Tuesday, September 6, 2011

LG Adding 3D To 2D Games

LG will unveil the 3D Game Converter next week, adding a third dimension to existing 2D games. This isn’t an X-Ray Specs-style scam promising to add information which isn’t there, but a cunning application of existing gaming software.
Many modern games use the Open Graphics Library (OpenGL) to work out 3D pictures. Normally these are the flattened to 2D for display on the screen – the Game Converter simply reads out these 3D shapes from the game.
This means that games don’t have to be programmed to work with the update. Instead, the update works out how to display the game. It will launch with default settings for 50 pre-existing titles, and even without settings players can still customise the 3D for new titles.

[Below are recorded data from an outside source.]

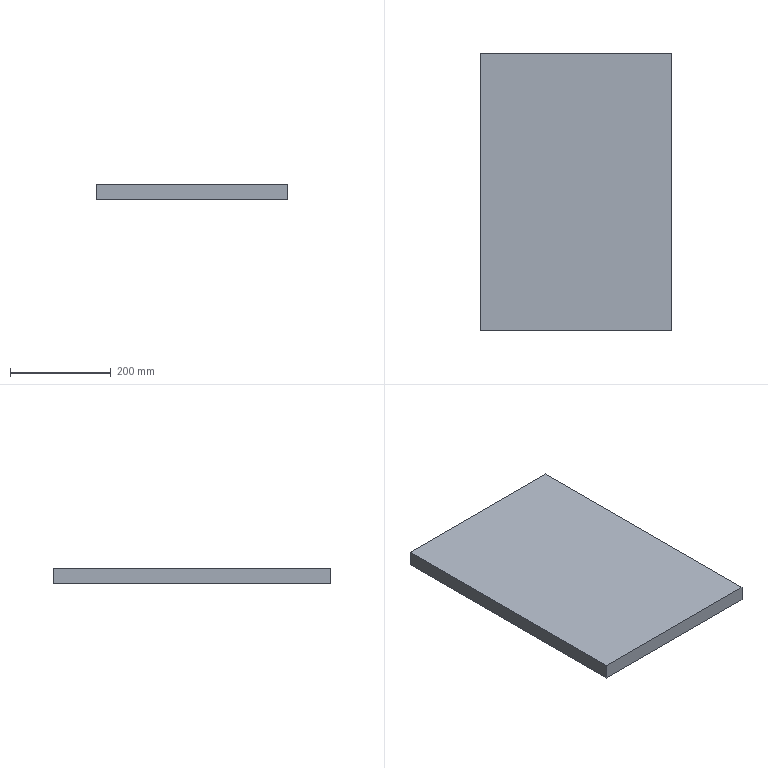Component | SolidWorks | Hanger-1_HangerBasePlate-1 | 1 solid | 6 faces | box 380 x 550 x 30 mm | volume 6270000 mm3 | plane 6 | material Plain Carbon Steel
STEP:
#1=COLOUR_RGB('',0.7922,0.8196,0.9333);
#2=FILL_AREA_STYLE_COLOUR('',#1);
#3=FILL_AREA_STYLE('',(#2));
#4=SURFACE_STYLE_FILL_AREA(#3);
#5=SURFACE_SIDE_STYLE('',(#4));
#6=SURFACE_STYLE_USAGE(.BOTH.,#5);
#7=PRESENTATION_STYLE_ASSIGNMENT((#6));
#8=CARTESIAN_POINT('',(392.698,116.604,265.12));
#9=VERTEX_POINT('',#8);
#10=CARTESIAN_POINT('',(407.659,116.604,265.12));
#11=VERTEX_POINT('',#10);
#12=CARTESIAN_POINT('',(392.698,116.604,265.12));
#13=DIRECTION('',(1.,0.,-0.));
#14=VECTOR('',#13,39.37);
#15=LINE('',#12,#14);
#16=EDGE_CURVE('',#9,#11,#15,.T.);
#17=ORIENTED_EDGE('',*,*,#16,.F.);
#18=CARTESIAN_POINT('',(392.698,116.604,263.939));
#19=VERTEX_POINT('',#18);
#20=CARTESIAN_POINT('',(392.698,116.604,263.939));
#21=DIRECTION('',(0.,0.,1.));
#22=VECTOR('',#21,39.37);
#23=LINE('',#20,#22);
#24=EDGE_CURVE('',#19,#9,#23,.T.);
#25=ORIENTED_EDGE('',*,*,#24,.F.);
#26=CARTESIAN_POINT('',(407.659,116.604,263.939));
#27=VERTEX_POINT('',#26);
#28=CARTESIAN_POINT('',(392.698,116.604,263.939));
#29=DIRECTION('',(1.,0.,-0.));
#30=VECTOR('',#29,39.37);
#31=LINE('',#28,#30);
#32=EDGE_CURVE('',#19,#27,#31,.T.);
#33=ORIENTED_EDGE('',*,*,#32,.T.);
#34=CARTESIAN_POINT('',(407.659,116.604,263.939));
#35=DIRECTION('',(0.,0.,1.));
#36=VECTOR('',#35,39.37);
#37=LINE('',#34,#36);
#38=EDGE_CURVE('',#27,#11,#37,.T.);
#39=ORIENTED_EDGE('',*,*,#38,.T.);
#40=EDGE_LOOP('',(#17,#25,#33,#39));
#41=FACE_OUTER_BOUND('',#40,.T.);
#42=CARTESIAN_POINT('',(392.698,116.604,263.939));
#43=DIRECTION('',(0.,-1.,-0.));
#44=DIRECTION('',(1.,0.,-0.));
#45=AXIS2_PLACEMENT_3D('',#42,#43,#44);
#46=PLANE('',#45);
#47=ADVANCED_FACE('',(#41),#46,.T.);
#48=CARTESIAN_POINT('',(392.698,138.257,265.12));
#49=VERTEX_POINT('',#48);
#50=CARTESIAN_POINT('',(392.698,116.604,265.12));
#51=DIRECTION('',(0.,-1.,0.));
#52=VECTOR('',#51,39.37);
#53=LINE('',#50,#52);
#54=EDGE_CURVE('',#49,#9,#53,.T.);
#55=ORIENTED_EDGE('',*,*,#54,.F.);
#56=CARTESIAN_POINT('',(392.698,138.257,263.939));
#57=VERTEX_POINT('',#56);
#58=CARTESIAN_POINT('',(392.698,138.257,263.939));
#59=DIRECTION('',(0.,0.,1.));
#60=VECTOR('',#59,39.37);
#61=LINE('',#58,#60);
#62=EDGE_CURVE('',#57,#49,#61,.T.);
#63=ORIENTED_EDGE('',*,*,#62,.F.);
#64=CARTESIAN_POINT('',(392.698,116.604,263.939));
#65=DIRECTION('',(0.,-1.,0.));
#66=VECTOR('',#65,39.37);
#67=LINE('',#64,#66);
#68=EDGE_CURVE('',#57,#19,#67,.T.);
#69=ORIENTED_EDGE('',*,*,#68,.T.);
#70=ORIENTED_EDGE('',*,*,#24,.T.);
#71=EDGE_LOOP('',(#55,#63,#69,#70));
#72=FACE_OUTER_BOUND('',#71,.T.);
#73=CARTESIAN_POINT('',(392.698,116.604,263.939));
#74=DIRECTION('',(-1.,-0.,0.));
#75=DIRECTION('',(0.,-1.,0.));
#76=AXIS2_PLACEMENT_3D('',#73,#74,#75);
#77=PLANE('',#76);
#78=ADVANCED_FACE('',(#72),#77,.T.);
#79=CARTESIAN_POINT('',(407.659,138.257,265.12));
#80=VERTEX_POINT('',#79);
#81=CARTESIAN_POINT('',(392.698,138.257,265.12));
#82=DIRECTION('',(-1.,-0.,0.));
#83=VECTOR('',#82,39.37);
#84=LINE('',#81,#83);
#85=EDGE_CURVE('',#80,#49,#84,.T.);
#86=ORIENTED_EDGE('',*,*,#85,.F.);
#87=CARTESIAN_POINT('',(407.659,138.257,263.939));
#88=VERTEX_POINT('',#87);
#89=CARTESIAN_POINT('',(407.659,138.257,263.939));
#90=DIRECTION('',(0.,0.,1.));
#91=VECTOR('',#90,39.37);
#92=LINE('',#89,#91);
#93=EDGE_CURVE('',#88,#80,#92,.T.);
#94=ORIENTED_EDGE('',*,*,#93,.F.);
#95=CARTESIAN_POINT('',(392.698,138.257,263.939));
#96=DIRECTION('',(-1.,-0.,0.));
#97=VECTOR('',#96,39.37);
#98=LINE('',#95,#97);
#99=EDGE_CURVE('',#88,#57,#98,.T.);
#100=ORIENTED_EDGE('',*,*,#99,.T.);
#101=ORIENTED_EDGE('',*,*,#62,.T.);
#102=EDGE_LOOP('',(#86,#94,#100,#101));
#103=FACE_OUTER_BOUND('',#102,.T.);
#104=CARTESIAN_POINT('',(392.698,138.257,263.939));
#105=DIRECTION('',(-0.,1.,-0.));
#106=DIRECTION('',(-1.,-0.,0.));
#107=AXIS2_PLACEMENT_3D('',#104,#105,#106);
#108=PLANE('',#107);
#109=ADVANCED_FACE('',(#103),#108,.T.);
#110=CARTESIAN_POINT('',(407.659,116.604,265.12));
#111=DIRECTION('',(-0.,1.,0.));
#112=VECTOR('',#111,39.37);
#113=LINE('',#110,#112);
#114=EDGE_CURVE('',#11,#80,#113,.T.);
#115=ORIENTED_EDGE('',*,*,#114,.F.);
#116=ORIENTED_EDGE('',*,*,#38,.F.);
#117=CARTESIAN_POINT('',(407.659,116.604,263.939));
#118=DIRECTION('',(-0.,1.,0.));
#119=VECTOR('',#118,39.37);
#120=LINE('',#117,#119);
#121=EDGE_CURVE('',#27,#88,#120,.T.);
#122=ORIENTED_EDGE('',*,*,#121,.T.);
#123=ORIENTED_EDGE('',*,*,#93,.T.);
#124=EDGE_LOOP('',(#115,#116,#122,#123));
#125=FACE_OUTER_BOUND('',#124,.T.);
#126=CARTESIAN_POINT('',(407.659,116.604,263.939));
#127=DIRECTION('',(1.,0.,-0.));
#128=DIRECTION('',(-0.,1.,0.));
#129=AXIS2_PLACEMENT_3D('',#126,#127,#128);
#130=PLANE('',#129);
#131=ADVANCED_FACE('',(#125),#130,.T.);
#132=ORIENTED_EDGE('',*,*,#32,.F.);
#133=ORIENTED_EDGE('',*,*,#68,.F.);
#134=ORIENTED_EDGE('',*,*,#99,.F.);
#135=ORIENTED_EDGE('',*,*,#121,.F.);
#136=EDGE_LOOP('',(#132,#133,#134,#135));
#137=FACE_OUTER_BOUND('',#136,.T.);
#138=CARTESIAN_POINT('',(392.698,116.604,263.939));
#139=DIRECTION('',(0.,0.,1.));
#140=DIRECTION('',(1.,0.,-0.));
#141=AXIS2_PLACEMENT_3D('',#138,#139,#140);
#142=PLANE('',#141);
#143=ADVANCED_FACE('',(#137),#142,.F.);
#144=ORIENTED_EDGE('',*,*,#16,.T.);
#145=ORIENTED_EDGE('',*,*,#114,.T.);
#146=ORIENTED_EDGE('',*,*,#85,.T.);
#147=ORIENTED_EDGE('',*,*,#54,.T.);
#148=EDGE_LOOP('',(#144,#145,#146,#147));
#149=FACE_OUTER_BOUND('',#148,.T.);
#150=CARTESIAN_POINT('',(392.698,116.604,265.12));
#151=DIRECTION('',(0.,0.,1.));
#152=DIRECTION('',(1.,0.,-0.));
#153=AXIS2_PLACEMENT_3D('',#150,#151,#152);
#154=PLANE('',#153);
#155=ADVANCED_FACE('',(#149),#154,.T.);
#156=CLOSED_SHELL('',(#47,#78,#109,#131,#143,#155));
#157=MANIFOLD_SOLID_BREP('',#156);
#158=STYLED_ITEM('',(#7),#157);
#159=PRESENTATION_LAYER_ASSIGNMENT('','',(#158));
#160=CARTESIAN_POINT('',(0.,0.,0.));
#161=DIRECTION('',(0.,0.,1.));
#162=DIRECTION('',(1.,0.,0.));
#163=AXIS2_PLACEMENT_3D('',#160,#161,#162);
#164=(LENGTH_UNIT()NAMED_UNIT(*)SI_UNIT($,.METRE.));
#165=LENGTH_MEASURE_WITH_UNIT(LENGTH_MEASURE(0.0254),#164);
#166=DIMENSIONAL_EXPONENTS(1.,0.,0.,0.,0.,0.,0.);
#167=(CONVERSION_BASED_UNIT('',#165)LENGTH_UNIT()NAMED_UNIT(#166));
#168=UNCERTAINTY_MEASURE_WITH_UNIT(LENGTH_MEASURE(0.00001),#167,'','');
#169=(NAMED_UNIT(*)PLANE_ANGLE_UNIT()SI_UNIT($,.RADIAN.));
#170=(NAMED_UNIT(*)SI_UNIT($,.STERADIAN.)SOLID_ANGLE_UNIT());
#171=(GEOMETRIC_REPRESENTATION_CONTEXT(3)GLOBAL_UNCERTAINTY_ASSIGNED_CONTEXT((#168))GLOBAL_UNIT_ASSIGNED_CONTEXT((#167,#169,#170))REPRESENTATION_CONTEXT('',''));
#172=ADVANCED_BREP_SHAPE_REPRESENTATION('',(#157,#163),#171);
#173=(LENGTH_UNIT()NAMED_UNIT(*)SI_UNIT($,.METRE.));
#174=LENGTH_MEASURE_WITH_UNIT(LENGTH_MEASURE(0.0254),#173);
#175=DIMENSIONAL_EXPONENTS(1.,0.,0.,0.,0.,0.,0.);
#176=(CONVERSION_BASED_UNIT('',#174)LENGTH_UNIT()NAMED_UNIT(#175));
#177=UNCERTAINTY_MEASURE_WITH_UNIT(LENGTH_MEASURE(0.00001),#176,'','');
#178=(NAMED_UNIT(*)PLANE_ANGLE_UNIT()SI_UNIT($,.RADIAN.));
#179=(NAMED_UNIT(*)SI_UNIT($,.STERADIAN.)SOLID_ANGLE_UNIT());
#180=(GEOMETRIC_REPRESENTATION_CONTEXT(3)GLOBAL_UNCERTAINTY_ASSIGNED_CONTEXT((#177))GLOBAL_UNIT_ASSIGNED_CONTEXT((#176,#178,#179))REPRESENTATION_CONTEXT('',''));
#181=MECHANICAL_DESIGN_GEOMETRIC_PRESENTATION_REPRESENTATION('',(#158),#180);

The Game Converter will be included in October’s free update for the LG Optimus 3D. It’s an interesting gimmick, and the way it’s designed to benefit third-party programs is a generous move. The problem is that these games haven’t been designed to work with 3D – even if the software works out how to display the improved graphics, the gameplay can’t benefit.
It also assumes that people are playing games which can be rendered in 3D, while most mobile games are aggressively two-dimensional. There’s also the question of how much 3D really matters on a 4-inch screen. Which is probably why LG have made it free: anyone with an Optimus 3D will play this, just to see what it’s like, and for a company pushing new technology that’s exactly what they want.